Keene, N.H.
Shirley Paulson showed up to 50-cent wing night at Lab ’n Lager in downtown Keene not for a cheap dozen of the highly addictive garlic jalapeno wings but because she wanted a crack at New Jersey governor Chris Christie.
The 83-year-old Boston transplant raised four kids, outlasted three husbands, and spent 30 years making pitches to “businessmen a lot smarter than me,” as she sold radio ads in this gritty old manufacturing town. So, no, she wasn’t intimidated at the prospect of a confrontation with the sometimes-caustic presidential candidate.

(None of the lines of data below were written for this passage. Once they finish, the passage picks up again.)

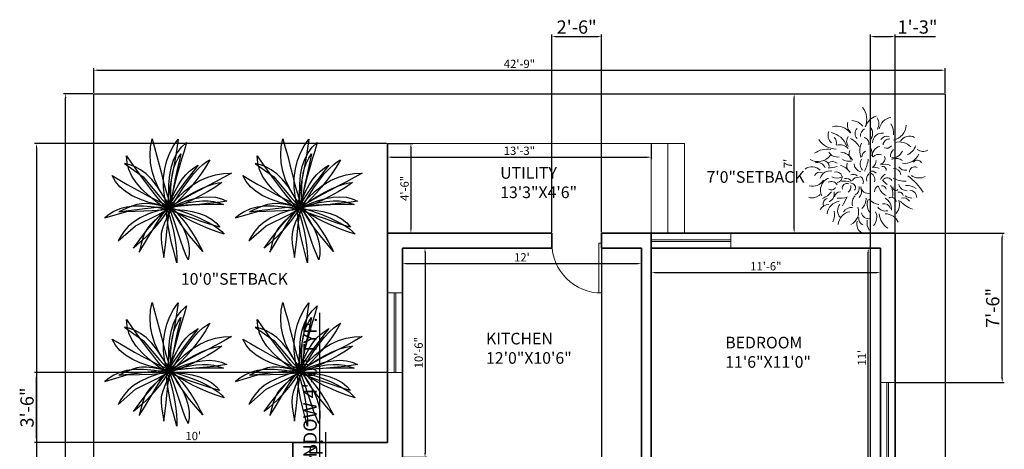
# Model space of a CAD drawing. Units: inches. Extents: x 3394 to 4794, y 965 to 1718.
# Tile 15 of 15: x 4177 to 4770, y 1453 to 1711. Entities that reach past the tile are written whole.
import ezdxf

# ---------------------------------------------------------------- set-up
doc = ezdxf.new("R2010")
doc.units = ezdxf.units.IN
for name, color, linetype, lineweight in [('A-ANNO-DIMS', 2, 'Continuous', 13), ('A-ANNO-TEXT', 7, 'Continuous', 18), ('A-AREA-IDEN', 7, 'Continuous', 18), ('A-DOOR', 4, 'Continuous', 18), ('A-FLOR', 7, 'Continuous', 18), ('A-FLOR-STRS', 7, 'Continuous', 18), ('A-GLAZ', 4, 'Continuous', 18), ('A-WALL', 7, 'Continuous', 35), ('C-PROP', 7, 'Continuous', 25), ('CAY', 94, 'Continuous', 13)]:
    doc.layers.add(name, color=color, linetype=linetype, lineweight=lineweight)
doc.layers.add('DIENHOA', color=3, linetype='Continuous')
doc.styles.add('ATT', font='romans.shx')
doc.styles.get("Standard").update_dxf_attribs({"font": 'arial.ttf'})
doc.dimstyles.new('ISO-25', dxfattribs={"dimtxt": 8, "dimasz": 2.5, "dimexe": 1.25, "dimexo": 0.625, "dimtad": 1, "dimlunit": 3, "dimtxsty": 'Standard', "dimcen": 2.5, "dimadec": 0, "dimazin": 0, "dimtfac": 1, "dimtmove": 0, "dimatfit": 3, "dimfxl": 1, "dimarcsym": 0})

# ---------------------------------------------------------------- blocks, each defined once
blk = doc.blocks.new('*U5')
for p, q in [((0, 0), (0, -6)), ((30, 0), (30, -6))]:
    blk.add_line(p, q)
blk.add_lwpolyline([(0, 0), (0, 30), (1.75, 30), (1.75, 0)], close=True)
blk.add_arc((0, 0), 30, 0, 90)
blk = doc.blocks.new('Cay03_mb')
at = {"layer": 'DIENHOA'}
for p, q in [((79.5, 503.7), (118.6, 555.3)), ((118.6, 555.3), (166.2, 599.1)), ((166.2, 599.1), (142.2, 519.4)), ((48.6, 443.6), (79.5, 503.7)), ((142.2, 519.4), (119, 441.7)), ((-365.2, 390.3), (-414.4, 402.8)), ((-414.4, 402.8), (-240.2, 277.8)), ((-314.9, 371.3), (-365.2, 390.3)), ((-263.5, 343.5), (-314.9, 371.3)), ((9.9, 295.3), (25.5, 374.3)), ((25.5, 374.3), (48.6, 443.6)), ((119, 441.7), (96.7, 365.6)), ((-211.2, 304.6), (-263.5, 343.5)), ((-240.2, 277.8), (-88.4, 94.9)), ((-158, 252.3), (-211.2, 304.6)), ((1.6, 205.7), (9.9, 295.3)), ((75.6, 290.6), (55.7, 216.3)), ((96.7, 365.6), (75.6, 290.6)), ((363.4, 275.4), (436.8, 297.2)), ((436.8, 297.2), (511, 309.6)), ((511, 309.6), (585.9, 313.5)), ((585.9, 313.5), (511.8, 271.4)), ((-104.2, 184.4), (-158, 252.3)), ((-49.6, 98.5), (-104.2, 184.4)), ((0.2, 104.9), (1.6, 205.7)), ((55.7, 216.3), (37.3, 142.1)), ((147, 144.1), (218.5, 199.8)), ((218.5, 199.8), (290.6, 243.2)), ((363.7, 192.9), (290.2, 154.9)), ((290.6, 243.2), (363.4, 275.4)), ((437.6, 231.5), (363.7, 192.9)), ((511.8, 271.4), (437.6, 231.5)), ((-88.4, 94.9), (5.4, -7.8)), ((5.4, -7.8), (-49.6, 98.5)), ((5.4, -7.8), (0.2, 104.9)), ((37.3, 142.1), (20.5, 67.6)), ((75.9, 75.2), (147, 144.1)), ((217.4, 116.6), (145.5, 77.3)), ((290.2, 154.9), (217.4, 116.6)), ((-345, 5.4), (-399.6, -17.1)), ((-298.6, 20.1), (-345, 5.4)), ((-254.7, 27.4), (-298.6, 20.1)), ((-208, 27.8), (-254.7, 27.4)), ((-152.7, 21.7), (-208, 27.8)), ((-83.4, 9.7), (-152.7, 21.7)), ((5.4, -7.8), (-83.4, 9.7)), ((5.4, -7.8), (75.9, 75.2)), ((20.5, 67.6), (5.4, -7.8)), ((74.7, 36.1), (5.4, -7.8)), ((5.4, -7.8), (100.3, 18.4)), ((46.3, 0.9), (5.4, -7.8)), ((96.7, 7.5), (46.3, 0.9)), ((145.5, 77.3), (74.7, 36.1)), ((155, 12.2), (96.7, 7.5)), ((100.3, 18.4), (182.2, 37.2)), ((219.6, 15.4), (155, 12.2)), ((182.2, 37.2), (253, 48.9)), ((289, 17.4), (219.6, 15.4)), ((253, 48.9), (314.6, 54.1)), ((361.6, 18.5), (289, 17.4)), ((314.6, 54.1), (369.2, 53.3)), ((435.8, 18.9), (361.6, 18.5)), ((369.2, 53.3), (418.6, 46.8)), ((418.6, 46.8), (464.9, 35.2)), ((510, 19), (435.8, 18.9)), ((464.9, 35.2), (510, 19)), ((-399.6, -17.1), (-468, -47.9)), ((-468, -47.9), (-375.6, -37.8)), ((-375.6, -37.8), (-295.3, -27.9)), ((-295.3, -27.9), (-225.8, -18.9)), ((-225.8, -18.9), (-165.8, -11.3)), ((-165.8, -11.3), (-114, -5.7)), ((-120.2, -122.1), (-79.8, -79.6)), ((-114, -5.7), (-69, -2.9)), ((-79.8, -79.6), (-45.1, -46.3)), ((-33.2, -69.5), (-74.6, -127.3)), ((-69, -2.9), (-29.6, -3.4)), ((-45.1, -46.3), (-16.5, -22.4)), ((5.4, -7.8), (-33.2, -69.5)), ((-29.6, -3.4), (5.4, -7.8)), ((-16.5, -22.4), (5.4, -7.8)), ((5.4, -7.8), (56.8, -73.3)), ((25.9, -64.4), (5.4, -7.8)), ((5.4, -7.8), (112.8, -40.3)), ((53.5, -41.6), (5.4, -7.8)), ((47, -125.9), (25.9, -64.4)), ((107, -75.7), (53.5, -41.6)), ((56.8, -73.3), (100.4, -139.1)), ((165.5, -109.6), (107, -75.7)), ((112.8, -40.3), (207.5, -73.8)), ((207.5, -73.8), (289.5, -107.6)), ((-216.3, -235.6), (-165.9, -174.1)), ((-165.9, -174.1), (-120.2, -122.1)), ((-117.8, -181.1), (-162.1, -230.9)), ((-74.6, -127.3), (-117.8, -181.1)), ((68.7, -190.6), (47, -125.9)), ((100.4, -139.1), (135.9, -204.3)), ((228.7, -142.8), (165.5, -109.6)), ((296, -174.7), (228.7, -142.8)), ((289.5, -107.6), (359.3, -141.1)), ((367.1, -204.8), (296, -174.7)), ((359.3, -141.1), (416.9, -173.5)), ((416.9, -173.5), (462.6, -204.2)), ((-271, -306.6), (-216.3, -235.6)), ((-162.1, -230.9), (-206.3, -276.5)), ((90.8, -256.6), (68.7, -190.6)), ((113.1, -322.2), (90.8, -256.6)), ((135.9, -204.3), (162.8, -268.3)), ((162.8, -268.3), (181, -330.4)), ((441.6, -232.7), (367.1, -204.8)), ((518.9, -257.7), (441.6, -232.7)), ((462.6, -204.2), (496.5, -232.5)), ((496.5, -232.5), (518.9, -257.7)), ((-329.5, -387.1), (-271, -306.6)), ((-291, -354.7), (-329.5, -387.1)), ((-249.6, -317.8), (-291, -354.7)), ((-206.3, -276.5), (-249.6, -317.8)), ((135.4, -385.6), (113.1, -322.2)), ((181, -330.4), (190, -390)), ((157.6, -445), (135.4, -385.6)), ((179.5, -498.7), (157.6, -445)), ((189.6, -446.3), (179.5, -498.7)), ((190, -390), (189.6, -446.3))]:
    blk.add_line(p, q, dxfattribs=at)
for points in [[(23.7, -5.4), (-41, 82.2), (-91.8, 167.1), (-129.7, 249.5), (-155.6, 329.6), (-170.2, 407.8), (-174.7, 484.2), (-169.8, 559.3), (-156.5, 633.1)], [(-156.5, 633.1), (-132.5, 551.3), (-110.5, 470), (-89.8, 389.2), (-69.6, 309), (-49, 229.4), (-27.1, 150.4), (-3.2, 72.1), (23.7, -5.4)], [(-16.4, -26.7), (-38.3, 80), (-48.9, 178.3), (-48.7, 269), (-38.5, 352.6), (-19.1, 429.7), (9, 501), (44.9, 567.1), (87.9, 628.5)], [(87.9, 628.5), (75.5, 544.2), (61.3, 461.2), (46.1, 379.1), (30.8, 297.8), (16.1, 216.9), (2.9, 136), (-8.3, 54.9), (-16.4, -26.7)], [(-395.6, 473.7), (-347.5, 405.6), (-300.6, 339.5), (-254.3, 275.1), (-208.3, 212.3), (-161.9, 150.9), (-114.8, 90.7), (-66.5, 31.6), (-16.4, -26.7)], [(-16.4, -26.7), (-108.3, 38.6), (-186.9, 101.7), (-252.4, 163.5), (-305.1, 224.4), (-345.4, 285.2), (-373.7, 346.6), (-390.4, 409.2), (-395.6, 473.7)], [(23.7, -5.4), (19.8, 93), (20.3, 177), (25, 248.5), (34, 309.8), (47.3, 362.7), (64.9, 409.3), (86.8, 451.7), (112.9, 491.9)], [(112.9, 491.9), (96, 419.7), (79.5, 347.4), (63.9, 276.5), (50, 208.4), (38.4, 144.8), (29.7, 86.9), (24.6, 36.3), (23.7, -5.4)], [(273.2, 387.3), (227.6, 328.8), (182.3, 270.1), (138.4, 212.3), (97.2, 156.4), (60, 103.4), (27.8, 54.6), (1.9, 10.8), (-16.4, -26.7)], [(-16.4, -26.7), (21.4, 64.2), (57, 140.3), (91.4, 203.3), (125.2, 255.1), (159.5, 297.5), (195, 332.5), (232.7, 361.8), (273.2, 387.3)], [(384.3, 437.5), (342.2, 367.8), (298.1, 301.7), (252.6, 239.4), (206.1, 181.1), (159.4, 127.2), (113, 78), (67.6, 33.6), (23.7, -5.4)], [(23.7, -5.4), (79.9, 91.7), (134.1, 176.2), (185.8, 248.4), (234.3, 308.7), (279, 357.3), (319.3, 394.8), (354.6, 421.4), (384.3, 437.5)], [(-530.5, 289.7), (-458.3, 248.1), (-387.9, 207.8), (-318.9, 168.7), (-250.8, 131.1), (-182.9, 94.8), (-114.9, 59.9), (-46.2, 26.5), (23.7, -5.4)], [(23.7, -5.4), (-87.2, 15.2), (-185, 39.6), (-270.3, 68.2), (-343.7, 101.4), (-405.9, 139.7), (-457.3, 183.5), (-498.7, 233.4), (-530.5, 289.7)], [(496.7, 224), (429.4, 178.4), (361.6, 136.9), (294.1, 99.5), (227.5, 66.1), (162.4, 36.7), (99.7, 11.5), (39.8, -9.7), (-16.4, -26.7)], [(-16.4, -26.7), (75.4, 37.9), (160.1, 91.8), (237.3, 135.7), (306.6, 170), (367.6, 195.4), (419.9, 212.5), (463.1, 221.9), (496.7, 224)], [(-16.4, -26.7), (-134, -4.7), (-235.3, 5.3), (-322, 4.7), (-395.9, -5), (-458.7, -22.3), (-512.3, -45.7), (-558.2, -73.6), (-598.4, -104.7)], [(23.7, -5.4), (99.3, 29.7), (173.2, 57.1), (244.8, 76.7), (313.3, 88.3), (377.9, 91.8), (437.9, 87), (492.7, 73.8), (541.4, 52)], [(541.4, 52), (484.1, 42.9), (421.2, 34.8), (354.4, 27.6), (285.4, 20.9), (216.1, 14.5), (148.2, 8.1), (83.5, 1.6), (23.7, -5.4)], [(-598.4, -104.7), (-392.7, -44.4), (-155, -37.4), (-16.4, -26.7)], [(-471.9, -320.3), (-310.5, -179.3), (-97.7, -73.3), (23.7, -5.4)], [(23.7, -5.4), (-92.3, -34.8), (-188.4, -68.2), (-266.9, -105.1), (-329.9, -144.9), (-379.7, -187), (-418.5, -230.7), (-448.5, -275.3), (-471.9, -320.3)], [(-276.2, -424.4), (-227.3, -345.4), (-185.7, -276.1), (-150, -215.7), (-119.1, -163.8), (-91.5, -119.5), (-66, -82.3), (-41.4, -51.6), (-16.4, -26.7)], [(-16.4, -26.7), (-84.9, -86), (-137, -133.1), (-175.8, -173), (-204.3, -210), (-225.5, -249.1), (-242.5, -294.7), (-258.4, -351.6), (-276.2, -424.4)], [(23.7, -5.4), (-13.6, -87.9), (-41.1, -152.6), (-59.6, -205), (-69.9, -250.7), (-72.8, -295), (-69.2, -343.6), (-59.7, -401.9), (-45.3, -475.5)], [(-45.3, -475.5), (-34.1, -383.2), (-25.4, -302.8), (-18.3, -233.1), (-12, -172.9), (-5.6, -121.2), (2, -76.8), (11.4, -38.5), (23.7, -5.4)], [(76.2, -524.2), (48.8, -428.5), (26.6, -341.7), (9.2, -264.1), (-3.6, -196.1), (-12.3, -138), (-17.1, -90.2), (-18.3, -53), (-16.4, -26.7)], [(-16.4, -26.7), (66.9, -26.6), (145.6, -32.7), (218.8, -44.9), (285.8, -63.1), (345.9, -87.1), (398.4, -116.6), (442.6, -151.6), (477.6, -191.8)], [(477.6, -191.8), (421.8, -176), (361.3, -156.9), (297.6, -135.5), (232.2, -112.6), (166.6, -89.4), (102.3, -66.6), (40.8, -45.4), (-16.4, -26.7)], [(-16.4, -26.7), (8.5, -95.1), (28.5, -163.3), (44.3, -230.6), (56.3, -296.1), (65, -359), (70.9, -418.5), (74.5, -473.9), (76.2, -524.2)], [(316.5, -418.1), (251.4, -342.8), (194.8, -273.3), (146.5, -210.2), (106.3, -153.8), (74.1, -104.7), (49.7, -63.4), (32.9, -30.1), (23.7, -5.4)], [(23.7, -5.4), (74.9, -57.1), (121.8, -110.6), (164.3, -165), (202.7, -219.4), (237, -272.9), (267.3, -324.5), (293.7, -373.2), (316.5, -418.1)]]:
    blk.add_lwpolyline(points, dxfattribs=at)
blk = doc.blocks.new('12PPLT14')
at = {"color": 0, "linetype": 'ByBlock'}
for centre, radius, start, end in [((-0.1625, 0.4338), 0.1552, 335.42338, 39.95274), ((-0.1402, 0.294), 0.1288, 38.23315, 86.42537), ((0.1087, 0.3325), 0.1308, 106.37374, 163.6865), ((-0.0015, 0.3959), 0.0956, 329.29525, 30.70475), ((0.216, 0.3316), 0.1193, 99.66859, 170.39165), ((-0.2571, 0.2399), 0.1351, 34.26616, 106.81595), ((-0.0808, 0.3868), 0.0897, 165.56758, 227.79776), ((-0.0467, 0.3138), 0.0589, 134.27921, 225.72079), ((0.0083, 0.2908), 0.0696, 119.33325, 181.22886), ((-0.0514, 0.3138), 0.0928, 323.30293, 36.69707), ((0.0506, 0.3121), 0.1678, 356.78729, 29.97058), ((0.1909, 0.3893), 0.1338, 281.73118, 357.12575), ((-0.2631, 0.3606), 0.1778, 213.40239, 269.32603), ((-0.2523, 0.2979), 0.0813, 157.25274, 229.50512), ((-0.3428, 0.1468), 0.1777, 20.65225, 77.76096), ((-0.3207, 0.2361), 0.0583, 342.26722, 49.59176), ((-0.1032, 0.2472), 0.0733, 144.90044, 215.09956), ((-0.223, 0.1138), 0.1758, 29.57176, 63.83952), ((-0.0403, 0.2301), 0.0513, 346.72425, 78.69141), ((0.1238, 0.2336), 0.083, 82.99618, 178.26594), ((0.1649, 0.2288), 0.0631, 73.67704, 147.47467), ((0.1827, 0.2139), 0.0534, 85.26504, 175.26709), ((0.3529, 0.1986), 0.0923, 62.48991, 146.60828), ((-0.3406, -0.0039), 0.1849, 80.33595, 125.13865), ((-0.2335, 0.1217), 0.0961, 42.98149, 106.47768), ((-0.071, 0.1405), 0.0841, 159.83302, 213.57269), ((0.103, 0.1659), 0.1687, 157.06159, 198.70067), ((-0.0525, 0.1406), 0.0902, 350.08193, 37.96222), ((0.1187, 0.1278), 0.0788, 101.63592, 188.43663), ((0.1561, 0.2471), 0.0582, 252.24344, 319.67919), ((0.2797, 0.1152), 0.0882, 134.29745, 179.34897), ((0.2662, 0.1039), 0.1379, 44.52266, 106.50759), ((0.2843, 0.2512), 0.1271, 292.72328, 340.80825), ((0.4652, 0.2401), 0.0779, 232.4069, 301.86228), ((-0.4178, 0.2048), 0.1282, 239.72439, 324.07722), ((-0.3739, 0.0341), 0.0511, 2.46695, 87.47281), ((-0.2521, 0.2046), 0.0894, 212.77707, 278.72234), ((-0.2353, 0.0367), 0.1199, 26.17758, 85.19259), ((-0.1543, 0.2003), 0.1209, 241.52868, 278.43473), ((0.0228, 0.0586), 0.0851, 152.04195, 218.82735), ((0.002, 0.1188), 0.05, 112.17477, 182.9374), ((-0.34, 0.1477), 0.3488, 334.29004, 351.88848), ((-0.0111, 0.0925), 0.0832, 308.53514, 354.91362), ((0.094, 0.072), 0.0659, 70.33255, 137.7683), ((0.1017, 0.1024), 0.045, 282.88154, 24.03653), ((0.2042, 0.2053), 0.098, 267.79413, 335.77876), ((0.2424, 0.0217), 0.0815, 51.13973, 117.42715), ((0.3092, 0.1973), 0.1353, 263.34537, 334.18502), ((0.4187, 0.0518), 0.0378, 24.37863, 147.98522), ((-0.468, -0.0701), 0.1027, 47.20219, 124.89917), ((-0.4247, -0.0009), 0.0706, 19.83292, 104.60033), ((-0.2974, 0.0074), 0.0691, 53.51258, 119.74743), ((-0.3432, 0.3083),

During the two-hour town hall here on July 27, Christie fielded questions on topics ranging from the obvious (Obamacare, veterans’ affairs, illegal immigration, Iran) to the odd (whether he had, in fact, dozed off at a Bruce Springsteen concert last spring). Christie reported that he opposes Obamacare, favors better care for veterans, wants tighter border security, and thinks the Iran deal is the worst thing Barack Obama has done as president. And since you’re curious, no, he had not fallen asleep; he was simply caught having a “spiritual” moment at his “124th” Springsteen show.
Paulson was here for another reason. She wanted to ask her second-favorite candidate about her favorite. “I have a question for you,” she began, noting in her preamble that America is a “capitalistic society” struggling to match its historical success. “Why do you and all the other presidential candidates think you can do better than a gentleman named Donald Trump, who has been extremely successful and understands what capitalism is about and has done extremely well? And,” she said, picking up steam, “don’t tell me it’s because you have political experience. . . . I don’t really want to hear that.”
“Well, I love the fact that you asked the question and tell me what I can answer,” Christie replied to audience laughter.
“I’m like that,” Paulson responded, resolutely. “That’s the way I am.”
“Now I understand exactly why you like Donald.”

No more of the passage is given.